Tudo resume-se a isto: egoísmo. Enquanto o ser humano não estiver um pouquinho interessado em abrir mão daquilo que "acha" estar certo para ajudar o próximo, continuaremos sendo estes seres desprezíveis que sempre fomos. Aliás, nem assim deixaríamos de ser desprezíveis, mas tornaríamos a vida mais fácil.

Qual é o problema do tiozinho que pede dinheiro pra comida ou condução mas gasta na cachaça? Você pode achar que beber é errado, mas naquele momento o que seu corpo precisa é satisfazer um vício. Quantas vezes você satisfaz um vício no seu dia-a-dia, mas não deixa de se alimentar por causa disso? Você é melhor do que o cara só porque tem dinheiro pra gastar com vício sem pedir pra ninguém? Imagine-se no lugar desta pessoa. E se você não conseguisse suprir seu vício, e aquilo o jogasse numa depressão e o mandasse pra uma beira de ponte pra se suicidar? Quem sabe o momento certo de dar lição de moral não seja ali, na hora que essa pessoa precisa suprir uma necessidade física. Talvez num outro momento ela compreenda que deva deixar alguns vícios para correr atrás de uma melhora, mas agora ela só precisa de um conforto momentâneo (que pode se transformar em um conforto duradouro, e até em amizade). Mas tudo o que você quer é satisfazer o seu ego e ver aquele pobre miserável fazer a sua vontade, do jeito que você aprendeu e quer.
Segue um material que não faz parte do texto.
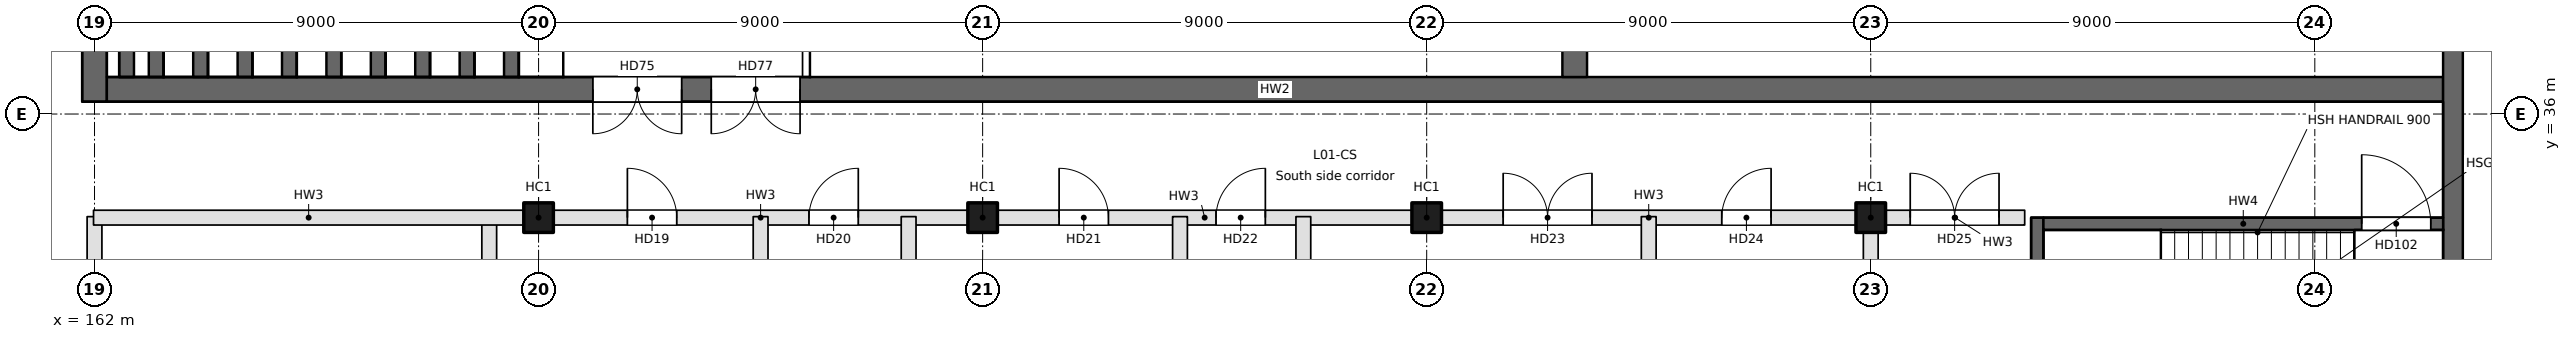
"""IFC4 building model, lengths in metres.
Left out: names, types, materials, properties, quantities, classifications, styles, units other than length and angle.
Written with IfcOpenShell. Run it as: python <this file> out.ifc"""

import sys

from ifc_helpers import new_model, si_unit, direction, frame, frame_2d, origin, origin_2d, place, context, subcontext, project, spatial, rectangle, extrude, element, fill, save


model = new_model("IFC4")
c1 = context("Model", 3, precision=1e-05, world=origin(), true_north=direction((0.0, 1.0)))
c2 = subcontext(c1, "Body", "Model", "MODEL_VIEW")
j1 = project(units=[si_unit("LENGTHUNIT", "METRE"), si_unit("PLANEANGLEUNIT", "RADIAN")], contexts=[c1])
p1 = place(None, origin())
s1 = spatial("IfcSite", under=j1, at=p1, CompositionType="ELEMENT")
p2 = place(p1, origin())
s2 = spatial("IfcBuilding", under=s1, at=p2, CompositionType="ELEMENT")
p3 = place(p2, frame((0.0, 0.0, 6.0)))
s3 = spatial("IfcBuildingStorey", under=s2, at=p3, CompositionType="ELEMENT", Elevation=6.0)
for number, where, z_axis, x_axis in (
    (1, (171.0, 33.9, 0.0), (0.0, 0.0, 1.0), (1.0, 0.0, 0.0)),
    (2, (180.0, 33.9, 0.0), (0.0, 0.0, 1.0), (1.0, 0.0, 0.0)),
    (3, (189.0, 33.9, 0.0), (0.0, 0.0, 1.0), (1.0, 0.0, 0.0)),
    (4, (198.0, 33.9, 0.0), (0.0, 0.0, 1.0), (1.0, 0.0, 0.0)),
):
    element("IfcColumn", number, at=place(p3, frame(where, z_axis=z_axis, x_axis=x_axis)), inside=s3, PredefinedType="COLUMN", context=c2, shape_type="SweptSolid", body=[
        extrude(rectangle(XDim=0.6, YDim=0.6, at=origin_2d()), origin(), (0.0, 0.0, 1.0), 5.4),
    ])
p4 = place(p3, frame((162.0, 36.25, -0.35), z_axis=(0.0, 0.0, 1.0), x_axis=(0.0, 1.0, 0.0)))
e5 = element("IfcWall", 5, at=p4, inside=s3, PredefinedType="SOLIDWALL", context=c2, shape_type="SweptSolid", body=[
    extrude(rectangle(XDim=26.5, YDim=0.5, at=frame_2d((13.25, 0.0))), origin(), (0.0, 0.0, 1.0), 5.4),
])
p5 = place(p3, frame((209.6, 36.5, -0.35), z_axis=(0.0, 0.0, 1.0), x_axis=(-1.0, 0.0, 0.0)))
e6 = element("IfcWall", 6, at=p5, inside=s3, PredefinedType="SOLIDWALL", context=c2, shape_type="SweptSolid", body=[
    extrude(rectangle(XDim=47.35, YDim=0.5, at=frame_2d((23.675, 0.0))), origin(), (0.0, 0.0, 1.0), 5.4),
])
p6 = place(p5, frame((35.7, 0.0, 0.35)))
e7 = element("IfcOpeningElement", 7, at=p6, cuts=e6, PredefinedType="OPENING", context=c2, shape_type="SweptSolid", body=[
    extrude(rectangle(XDim=1.8, YDim=2.4, at=frame_2d((0.9, 1.2))), frame((0.0, 0.25, 0.0), z_axis=(0.0, -1.0, 0.0), x_axis=(1.0, 0.0, 0.0)), (0.0, 0.0, 1.0), 0.5),
])
p7 = place(p5, frame((33.3, 0.0, 0.35)))
e8 = element("IfcOpeningElement", 8, at=p7, cuts=e6, PredefinedType="OPENING", context=c2, shape_type="SweptSolid", body=[
    extrude(rectangle(XDim=1.8, YDim=2.4, at=frame_2d((0.9, 1.2))), frame((0.0, 0.25, 0.0), z_axis=(0.0, -1.0, 0.0), x_axis=(1.0, 0.0, 0.0)), (0.0, 0.0, 1.0), 0.5),
])
p8 = place(p3, frame((192.0, 36.75, -0.35), z_axis=(0.0, 0.0, 1.0), x_axis=(0.0, 1.0, 0.0)))
e9 = element("IfcWall", 9, at=p8, inside=s3, PredefinedType="SOLIDWALL", context=c2, shape_type="SweptSolid", body=[
    extrude(rectangle(XDim=5.75, YDim=0.5, at=frame_2d((2.875, 0.0))), origin(), (0.0, 0.0, 1.0), 5.4),
])
p9 = place(p3, frame((209.8, 76.5, -0.35), z_axis=(0.0, 0.0, 1.0), x_axis=(0.0, -1.0, 0.0)))
e10 = element("IfcWall", 10, at=p9, inside=s3, PredefinedType="SOLIDWALL", context=c2, shape_type="SweptSolid", body=[
    extrude(rectangle(XDim=54.0, YDim=0.4, at=frame_2d((27.0, 0.0))), origin(), (0.0, 0.0, 1.0), 5.4),
])
p10 = place(p9, frame((49.3, 0.0, 1.25)))
e11 = element("IfcOpeningElement", 11, at=p10, cuts=e10, PredefinedType="OPENING", context=c2, shape_type="SweptSolid", body=[
    extrude(rectangle(XDim=2.4, YDim=1.8, at=frame_2d((1.2, 0.9))), frame((0.0, 0.2, 0.0), z_axis=(0.0, -1.0, 0.0), x_axis=(1.0, 0.0, 0.0)), (0.0, 0.0, 1.0), 0.4),
])
p11 = place(p9, frame((2.3, 0.0, 1.25)))
e12 = element("IfcOpeningElement", 12, at=p11, cuts=e10, PredefinedType="OPENING", context=c2, shape_type="SweptSolid", body=[
    extrude(rectangle(XDim=2.4, YDim=1.8, at=frame_2d((1.2, 0.9))), frame((0.0, 0.2, 0.0), z_axis=(0.0, -1.0, 0.0), x_axis=(1.0, 0.0, 0.0)), (0.0, 0.0, 1.0), 0.4),
])
p12 = place(p3, frame((170.45, 36.75, 0.0), z_axis=(0.0, 0.0, 1.0), x_axis=(0.0, 1.0, 0.0)))
e13 = element("IfcWall", 13, at=p12, inside=s3, PredefinedType="SOLIDWALL", context=c2, shape_type="SweptSolid", body=[
    extrude(rectangle(XDim=25.5, YDim=0.3, at=frame_2d((12.75, 0.0))), origin(), (0.0, 0.0, 1.0), 0.2),
])
p13 = place(p3, frame((169.55, 36.75, 0.0), z_axis=(0.0, 0.0, 1.0), x_axis=(0.0, 1.0, 0.0)))
e14 = element("IfcWall", 14, at=p13, inside=s3, PredefinedType="SOLIDWALL", context=c2, shape_type="SweptSolid", body=[
    extrude(rectangle(XDim=25.5, YDim=0.3, at=frame_2d((12.75, 0.0))), origin(), (0.0, 0.0, 1.0), 0.4),
])
p14 = place(p3, frame((168.65, 36.75, 0.0), z_axis=(0.0, 0.0, 1.0), x_axis=(0.0, 1.0, 0.0)))
e15 = element("IfcWall", 15, at=p14, inside=s3, PredefinedType="SOLIDWALL", context=c2, shape_type="SweptSolid", body=[
    extrude(rectangle(XDim=25.5, YDim=0.3, at=frame_2d((12.75, 0.0))), origin(), (0.0, 0.0, 1.0), 0.6),
])
p15 = place(p3, frame((167.75, 36.75, 0.0), z_axis=(0.0, 0.0, 1.0), x_axis=(0.0, 1.0, 0.0)))
e16 = element("IfcWall", 16, at=p15, inside=s3, PredefinedType="SOLIDWALL", context=c2, shape_type="SweptSolid", body=[
    extrude(rectangle(XDim=25.5, YDim=0.3, at=frame_2d((12.75, 0.0))), origin(), (0.0, 0.0, 1.0), 0.8),
])
p16 = place(p3, frame((166.85, 36.75, 0.0), z_axis=(0.0, 0.0, 1.0), x_axis=(0.0, 1.0, 0.0)))
e17 = element("IfcWall", 17, at=p16, inside=s3, PredefinedType="SOLIDWALL", context=c2, shape_type="SweptSolid", body=[
    extrude(rectangle(XDim=25.5, YDim=0.3, at=frame_2d((12.75, 0.0))), origin(), (0.0, 0.0, 1.0), 1.0),
])
p17 = place(p3, frame((165.95, 36.75, 0.0), z_axis=(0.0, 0.0, 1.0), x_axis=(0.0, 1.0, 0.0)))
e18 = element("IfcWall", 18, at=p17, inside=s3, PredefinedType="SOLIDWALL", context=c2, shape_type="SweptSolid", body=[
    extrude(rectangle(XDim=25.5, YDim=0.3, at=frame_2d((12.75, 0.0))), origin(), (0.0, 0.0, 1.0), 1.2),
])
p18 = place(p3, frame((165.05, 36.75, 0.0), z_axis=(0.0, 0.0, 1.0), x_axis=(0.0, 1.0, 0.0)))
e19 = element("IfcWall", 19, at=p18, inside=s3, PredefinedType="SOLIDWALL", context=c2, shape_type="SweptSolid", body=[
    extrude(rectangle(XDim=25.5, YDim=0.3, at=frame_2d((12.75, 0.0))), origin(), (0.0, 0.0, 1.0), 1.4),
])
p19 = place(p3, frame((164.15, 36.75, 0.0), z_axis=(0.0, 0.0, 1.0), x_axis=(0.0, 1.0, 0.0)))
e20 = element("IfcWall", 20, at=p19, inside=s3, PredefinedType="SOLIDWALL", context=c2, shape_type="SweptSolid", body=[
    extrude(rectangle(XDim=25.5, YDim=0.3, at=frame_2d((12.75, 0.0))), origin(), (0.0, 0.0, 1.0), 1.6),
])
for number, where, z_axis, x_axis in (
    (21, (163.25, 36.75, 0.0), (0.0, 0.0, 1.0), (0.0, 1.0, 0.0)),
    (22, (162.65, 36.75, 0.0), (0.0, 0.0, 1.0), (0.0, 1.0, 0.0)),
):
    element("IfcWall", number, at=place(p3, frame(where, z_axis=z_axis, x_axis=x_axis)), inside=s3, PredefinedType="SOLIDWALL", context=c2, shape_type="SweptSolid", body=[
        extrude(rectangle(XDim=25.5, YDim=0.3, at=frame_2d((12.75, 0.0))), origin(), (0.0, 0.0, 1.0), 1.8),
    ])
p20 = place(p3, frame((162.0, 22.73, 0.0), z_axis=(0.0, 0.0, 1.0), x_axis=(0.0, 1.0, 0.0)))
e23 = element("IfcWall", 23, at=p20, inside=s3, PredefinedType="PARTITIONING", context=c2, shape_type="SweptSolid", body=[
    extrude(rectangle(XDim=11.19, YDim=0.3, at=frame_2d((5.595, 0.0))), origin(), (0.0, 0.0, 1.0), 5.05),
])
p21 = place(p20, frame((4.75, 0.0, 0.0)))
e24 = element("IfcOpeningElement", 24, at=p21, cuts=e23, PredefinedType="OPENING", context=c2, shape_type="SweptSolid", body=[
    extrude(rectangle(XDim=1.8, YDim=2.1, at=frame_2d((0.9, 1.05))), frame((0.0, 0.15, 0.0), z_axis=(0.0, -1.0, 0.0), x_axis=(1.0, 0.0, 0.0)), (0.0, 0.0, 1.0), 0.3),
])
p22 = place(p3, frame((170.0, 22.73, 0.0), z_axis=(0.0, 0.0, 1.0), x_axis=(0.0, 1.0, 0.0)))
e25 = element("IfcWall", 25, at=p22, inside=s3, PredefinedType="PARTITIONING", context=c2, shape_type="SweptSolid", body=[
    extrude(rectangle(XDim=11.19, YDim=0.3, at=frame_2d((5.595, 0.0))), origin(), (0.0, 0.0, 1.0), 5.05),
])
p23 = place(p3, frame((161.98, 33.9, 0.0), z_axis=(0.0, 0.0, 1.0), x_axis=(1.0, 0.0, 0.0)))
e26 = element("IfcWall", 26, at=p23, inside=s3, PredefinedType="PARTITIONING", context=c2, shape_type="SweptSolid", body=[
    extrude(rectangle(XDim=8.72, YDim=0.3, at=frame_2d((4.36, 0.0))), origin(), (0.0, 0.0, 1.0), 5.05),
])
p24 = place(p3, frame((171.3, 33.9, 0.0), z_axis=(0.0, 0.0, 1.0), x_axis=(1.0, 0.0, 0.0)))
e27 = element("IfcWall", 27, at=p24, inside=s3, PredefinedType="PARTITIONING", context=c2, shape_type="SweptSolid", body=[
    extrude(rectangle(XDim=8.4, YDim=0.3, at=frame_2d((4.2, 0.0))), origin(), (0.0, 0.0, 1.0), 5.05),
])
p25 = place(p24, frame((1.5, 0.0, 0.0)))
e28 = element("IfcOpeningElement", 28, at=p25, cuts=e27, PredefinedType="OPENING", context=c2, shape_type="SweptSolid", body=[
    extrude(rectangle(XDim=1.0, YDim=2.1, at=frame_2d((0.5, 1.05))), frame((0.0, 0.15, 0.0), z_axis=(0.0, -1.0, 0.0), x_axis=(1.0, 0.0, 0.0)), (0.0, 0.0, 1.0), 0.3),
])
p26 = place(p24, frame((5.18, 0.0, 0.0)))
e29 = element("IfcOpeningElement", 29, at=p26, cuts=e27, PredefinedType="OPENING", context=c2, shape_type="SweptSolid", body=[
    extrude(rectangle(XDim=1.0, YDim=2.1, at=frame_2d((0.5, 1.05))), frame((0.0, 0.15, 0.0), z_axis=(0.0, -1.0, 0.0), x_axis=(1.0, 0.0, 0.0)), (0.0, 0.0, 1.0), 0.3),
])
p27 = place(p3, frame((180.3, 33.9, 0.0), z_axis=(0.0, 0.0, 1.0), x_axis=(1.0, 0.0, 0.0)))
e30 = element("IfcWall", 30, at=p27, inside=s3, PredefinedType="PARTITIONING", context=c2, shape_type="SweptSolid", body=[
    extrude(rectangle(XDim=8.4, YDim=0.3, at=frame_2d((4.2, 0.0))), origin(), (0.0, 0.0, 1.0), 5.05),
])
p28 = place(p27, frame((1.25, 0.0, 0.0)))
e31 = element("IfcOpeningElement", 31, at=p28, cuts=e30, PredefinedType="OPENING", context=c2, shape_type="SweptSolid", body=[
    extrude(rectangle(XDim=1.0, YDim=2.1, at=frame_2d((0.5, 1.05))), frame((0.0, 0.15, 0.0), z_axis=(0.0, -1.0, 0.0), x_axis=(1.0, 0.0, 0.0)), (0.0, 0.0, 1.0), 0.3),
])
p29 = place(p27, frame((4.43, 0.0, 0.0)))
e32 = element("IfcOpeningElement", 32, at=p29, cuts=e30, PredefinedType="OPENING", context=c2, shape_type="SweptSolid", body=[
    extrude(rectangle(XDim=1.0, YDim=2.1, at=frame_2d((0.5, 1.05))), frame((0.0, 0.15, 0.0), z_axis=(0.0, -1.0, 0.0), x_axis=(1.0, 0.0, 0.0)), (0.0, 0.0, 1.0), 0.3),
])
p30 = place(p3, frame((189.3, 33.9, 0.0), z_axis=(0.0, 0.0, 1.0), x_axis=(1.0, 0.0, 0.0)))
e33 = element("IfcWall", 33, at=p30, inside=s3, PredefinedType="PARTITIONING", context=c2, shape_type="SweptSolid", body=[
    extrude(rectangle(XDim=8.4, YDim=0.3, at=frame_2d((4.2, 0.0))), origin(), (0.0, 0.0, 1.0), 5.05),
])
p31 = place(p30, frame((1.25, 0.0, 0.0)))
e34 = element("IfcOpeningElement", 34, at=p31, cuts=e33, PredefinedType="OPENING", context=c2, shape_type="SweptSolid", body=[
    extrude(rectangle(XDim=1.8, YDim=2.1, at=frame_2d((0.9, 1.05))), frame((0.0, 0.15, 0.0), z_axis=(0.0, -1.0, 0.0), x_axis=(1.0, 0.0, 0.0)), (0.0, 0.0, 1.0), 0.3),
])
p32 = place(p30, frame((5.68, 0.0, 0.0)))
e35 = element("IfcOpeningElement", 35, at=p32, cuts=e33, PredefinedType="OPENING", context=c2, shape_type="SweptSolid", body=[
    extrude(rectangle(XDim=1.0, YDim=2.1, at=frame_2d((0.5, 1.05))), frame((0.0, 0.15, 0.0), z_axis=(0.0, -1.0, 0.0), x_axis=(1.0, 0.0, 0.0)), (0.0, 0.0, 1.0), 0.3),
])
p33 = place(p3, frame((198.3, 33.9, 0.0), z_axis=(0.0, 0.0, 1.0), x_axis=(1.0, 0.0, 0.0)))
e36 = element("IfcWall", 36, at=p33, inside=s3, PredefinedType="PARTITIONING", context=c2, shape_type="SweptSolid", body=[
    extrude(rectangle(XDim=2.82, YDim=0.3, at=frame_2d((1.41, 0.0))), origin(), (0.0, 0.0, 1.0), 5.05),
])
p34 = place(p33, frame((0.5, 0.0, 0.0)))
e37 = element("IfcOpeningElement", 37, at=p34, cuts=e36, PredefinedType="OPENING", context=c2, shape_type="SweptSolid", body=[
    extrude(rectangle(XDim=1.8, YDim=2.1, at=frame_2d((0.9, 1.05))), frame((0.0, 0.15, 0.0), z_axis=(0.0, -1.0, 0.0), x_axis=(1.0, 0.0, 0.0)), (0.0, 0.0, 1.0), 0.3),
])
for number, where, z_axis, x_axis in (
    (38, (175.5, 22.73, 0.0), (0.0, 0.0, 1.0), (0.0, 1.0, 0.0)),
    (39, (178.5, 22.73, 0.0), (0.0, 0.0, 1.0), (0.0, 1.0, 0.0)),
    (40, (184.0, 22.73, 0.0), (0.0, 0.0, 1.0), (0.0, 1.0, 0.0)),
    (41, (186.5, 22.73, 0.0), (0.0, 0.0, 1.0), (0.0, 1.0, 0.0)),
    (42, (193.5, 22.73, 0.0), (0.0, 0.0, 1.0), (0.0, 1.0, 0.0)),
):
    element("IfcWall", number, at=place(p3, frame(where, z_axis=z_axis, x_axis=x_axis)), inside=s3, PredefinedType="PARTITIONING", context=c2, shape_type="SweptSolid", body=[
        extrude(rectangle(XDim=11.19, YDim=0.3, at=frame_2d((5.595, 0.0))), origin(), (0.0, 0.0, 1.0), 5.05),
    ])
p35 = place(p3, frame((198.0, 22.73, 0.0), z_axis=(0.0, 0.0, 1.0), x_axis=(0.0, 1.0, 0.0)))
e43 = element("IfcWall", 43, at=p35, inside=s3, PredefinedType="PARTITIONING", context=c2, shape_type="SweptSolid", body=[
    extrude(rectangle(XDim=10.87, YDim=0.3, at=frame_2d((5.435, 0.0))), origin(), (0.0, 0.0, 1.0), 5.05),
])
p36 = place(p3, frame((201.375, 29.65, -0.35), z_axis=(0.0, 0.0, 1.0), x_axis=(0.0, 1.0, 0.0)))
e44 = element("IfcWall", 44, at=p36, inside=s3, PredefinedType="SOLIDWALL", context=c2, shape_type="SweptSolid", body=[
    extrude(rectangle(XDim=4.25, YDim=0.25, at=frame_2d((2.125, 0.0))), origin(), (0.0, 0.0, 1.0), 5.4),
])
p37 = place(p3, frame((201.5, 33.775, -0.35), z_axis=(0.0, 0.0, 1.0), x_axis=(1.0, 0.0, 0.0)))
e45 = element("IfcWall", 45, at=p37, inside=s3, PredefinedType="SOLIDWALL", context=c2, shape_type="SweptSolid", body=[
    extrude(rectangle(XDim=8.1, YDim=0.25, at=frame_2d((4.05, 0.0))), origin(), (0.0, 0.0, 1.0), 5.4),
])
p38 = place(p37, frame((6.45, 0.0, 0.35)))
e46 = element("IfcOpeningElement", 46, at=p38, cuts=e45, PredefinedType="OPENING", context=c2, shape_type="SweptSolid", body=[
    extrude(rectangle(XDim=1.4, YDim=2.1, at=frame_2d((0.7, 1.05))), frame((0.0, 0.125, 0.0), z_axis=(0.0, -1.0, 0.0), x_axis=(1.0, 0.0, 0.0)), (0.0, 0.0, 1.0), 0.25),
])
p39 = place(p25, origin())
e47 = element("IfcDoor", 47, at=p39, inside=s3, OperationType="SINGLE_SWING_LEFT", PredefinedType="DOOR", context=c2, shape_type="SweptSolid", body=[
    extrude(rectangle(XDim=1.0, YDim=2.1, at=frame_2d((0.5, 1.05))), frame((0.0, 0.025, 0.0), z_axis=(0.0, -1.0, 0.0), x_axis=(1.0, 0.0, 0.0)), (0.0, 0.0, 1.0), 0.05),
])
fill(e28, e47)
p40 = place(p26, origin())
e48 = element("IfcDoor", 48, at=p40, inside=s3, OperationType="SINGLE_SWING_RIGHT", PredefinedType="DOOR", context=c2, shape_type="SweptSolid", body=[
    extrude(rectangle(XDim=1.0, YDim=2.1, at=frame_2d((0.5, 1.05))), frame((0.0, 0.025, 0.0), z_axis=(0.0, -1.0, 0.0), x_axis=(1.0, 0.0, 0.0)), (0.0, 0.0, 1.0), 0.05),
])
fill(e29, e48)
p41 = place(p28, origin())
e49 = element("IfcDoor", 49, at=p41, inside=s3, OperationType="SINGLE_SWING_LEFT", PredefinedType="DOOR", context=c2, shape_type="SweptSolid", body=[
    extrude(rectangle(XDim=1.0, YDim=2.1, at=frame_2d((0.5, 1.05))), frame((0.0, 0.025, 0.0), z_axis=(0.0, -1.0, 0.0), x_axis=(1.0, 0.0, 0.0)), (0.0, 0.0, 1.0), 0.05),
])
fill(e31, e49)
p42 = place(p29, origin())
e50 = element("IfcDoor", 50, at=p42, inside=s3, OperationType="SINGLE_SWING_RIGHT", PredefinedType="DOOR", context=c2, shape_type="SweptSolid", body=[
    extrude(rectangle(XDim=1.0, YDim=2.1, at=frame_2d((0.5, 1.05))), frame((0.0, 0.025, 0.0), z_axis=(0.0, -1.0, 0.0), x_axis=(1.0, 0.0, 0.0)), (0.0, 0.0, 1.0), 0.05),
])
fill(e32, e50)
p43 = place(p31, origin())
e51 = element("IfcDoor", 51, at=p43, inside=s3, OperationType="DOUBLE_DOOR_SINGLE_SWING", PredefinedType="DOOR", context=c2, shape_type="SweptSolid", body=[
    extrude(rectangle(XDim=1.8, YDim=2.1, at=frame_2d((0.9, 1.05))), frame((0.0, 0.025, 0.0), z_axis=(0.0, -1.0, 0.0), x_axis=(1.0, 0.0, 0.0)), (0.0, 0.0, 1.0), 0.05),
])
fill(e34, e51)
p44 = place(p32, origin())
e52 = element("IfcDoor", 52, at=p44, inside=s3, OperationType="SINGLE_SWING_RIGHT", PredefinedType="DOOR", context=c2, shape_type="SweptSolid", body=[
    extrude(rectangle(XDim=1.0, YDim=2.1, at=frame_2d((0.5, 1.05))), frame((0.0, 0.025, 0.0), z_axis=(0.0, -1.0, 0.0), x_axis=(1.0, 0.0, 0.0)), (0.0, 0.0, 1.0), 0.05),
])
fill(e35, e52)
p45 = place(p34, origin())
e53 = element("IfcDoor", 53, at=p45, inside=s3, OperationType="DOUBLE_DOOR_SINGLE_SWING", PredefinedType="DOOR", context=c2, shape_type="SweptSolid", body=[
    extrude(rectangle(XDim=1.8, YDim=2.1, at=frame_2d((0.9, 1.05))), frame((0.0, 0.025, 0.0), z_axis=(0.0, -1.0, 0.0), x_axis=(1.0, 0.0, 0.0)), (0.0, 0.0, 1.0), 0.05),
])
fill(e37, e53)
p46 = place(p6, origin())
e54 = element("IfcDoor", 54, at=p46, inside=s3, OperationType="DOUBLE_DOOR_SINGLE_SWING", PredefinedType="DOOR", context=c2, shape_type="SweptSolid", body=[
    extrude(rectangle(XDim=1.8, YDim=2.4, at=frame_2d((0.9, 1.2))), frame((0.0, 0.025, 0.0), z_axis=(0.0, -1.0, 0.0), x_axis=(1.0, 0.0, 0.0)), (0.0, 0.0, 1.0), 0.05),
])
fill(e7, e54)
p47 = place(p7, origin())
e55 = element("IfcDoor", 55, at=p47, inside=s3, OperationType="DOUBLE_DOOR_SINGLE_SWING", PredefinedType="DOOR", context=c2, shape_type="SweptSolid", body=[
    extrude(rectangle(XDim=1.8, YDim=2.4, at=frame_2d((0.9, 1.2))), frame((0.0, 0.025, 0.0), z_axis=(0.0, -1.0, 0.0), x_axis=(1.0, 0.0, 0.0)), (0.0, 0.0, 1.0), 0.05),
])
fill(e8, e55)
p48 = place(p38, origin())
e56 = element("IfcDoor", 56, at=p48, inside=s3, OperationType="SINGLE_SWING_LEFT", PredefinedType="DOOR", context=c2, shape_type="SweptSolid", body=[
    extrude(rectangle(XDim=1.4, YDim=2.1, at=frame_2d((0.7, 1.05))), frame((0.0, 0.025, 0.0), z_axis=(0.0, -1.0, 0.0), x_axis=(1.0, 0.0, 0.0)), (0.0, 0.0, 1.0), 0.05),
])
fill(e46, e56)
save(model, sys.argv[1])

Não quero dar lição de moral, nem nada. É só uma reflexão. Eu também sou egoísta. Eu também quero satisfazer minhas vontades. Eu quero me dar bem, e quero que o meu ego seja massageado. Eu sou um ser humano. Só queria que da próxima vez que você dissesse que ama mais isso ou aquilo do que gente, do que seu irmão, sua mãe ou seu vizinho, bote a mão na consciência, abra os olhos e enxergue que você pode estar sendo tão egoísta quanto qualquer ser humano, que o seu desejo de ajudar e amar os animais ou a natureza não passa de preguiça e egoísmo, ou que você esconde seu egoísmo atrás da tentativar de ser coll, hipster, nerd ou qualquer outra merda. Preguiça para enfrentar os desejos e gostos do próximo, o diferente, e egoísmo por não aceitar que outras pessoas também tem gostos e vontades, e que elas podem não retribuir seu favor, ou que retribuirão, mas de uma forma que você pode não gostar.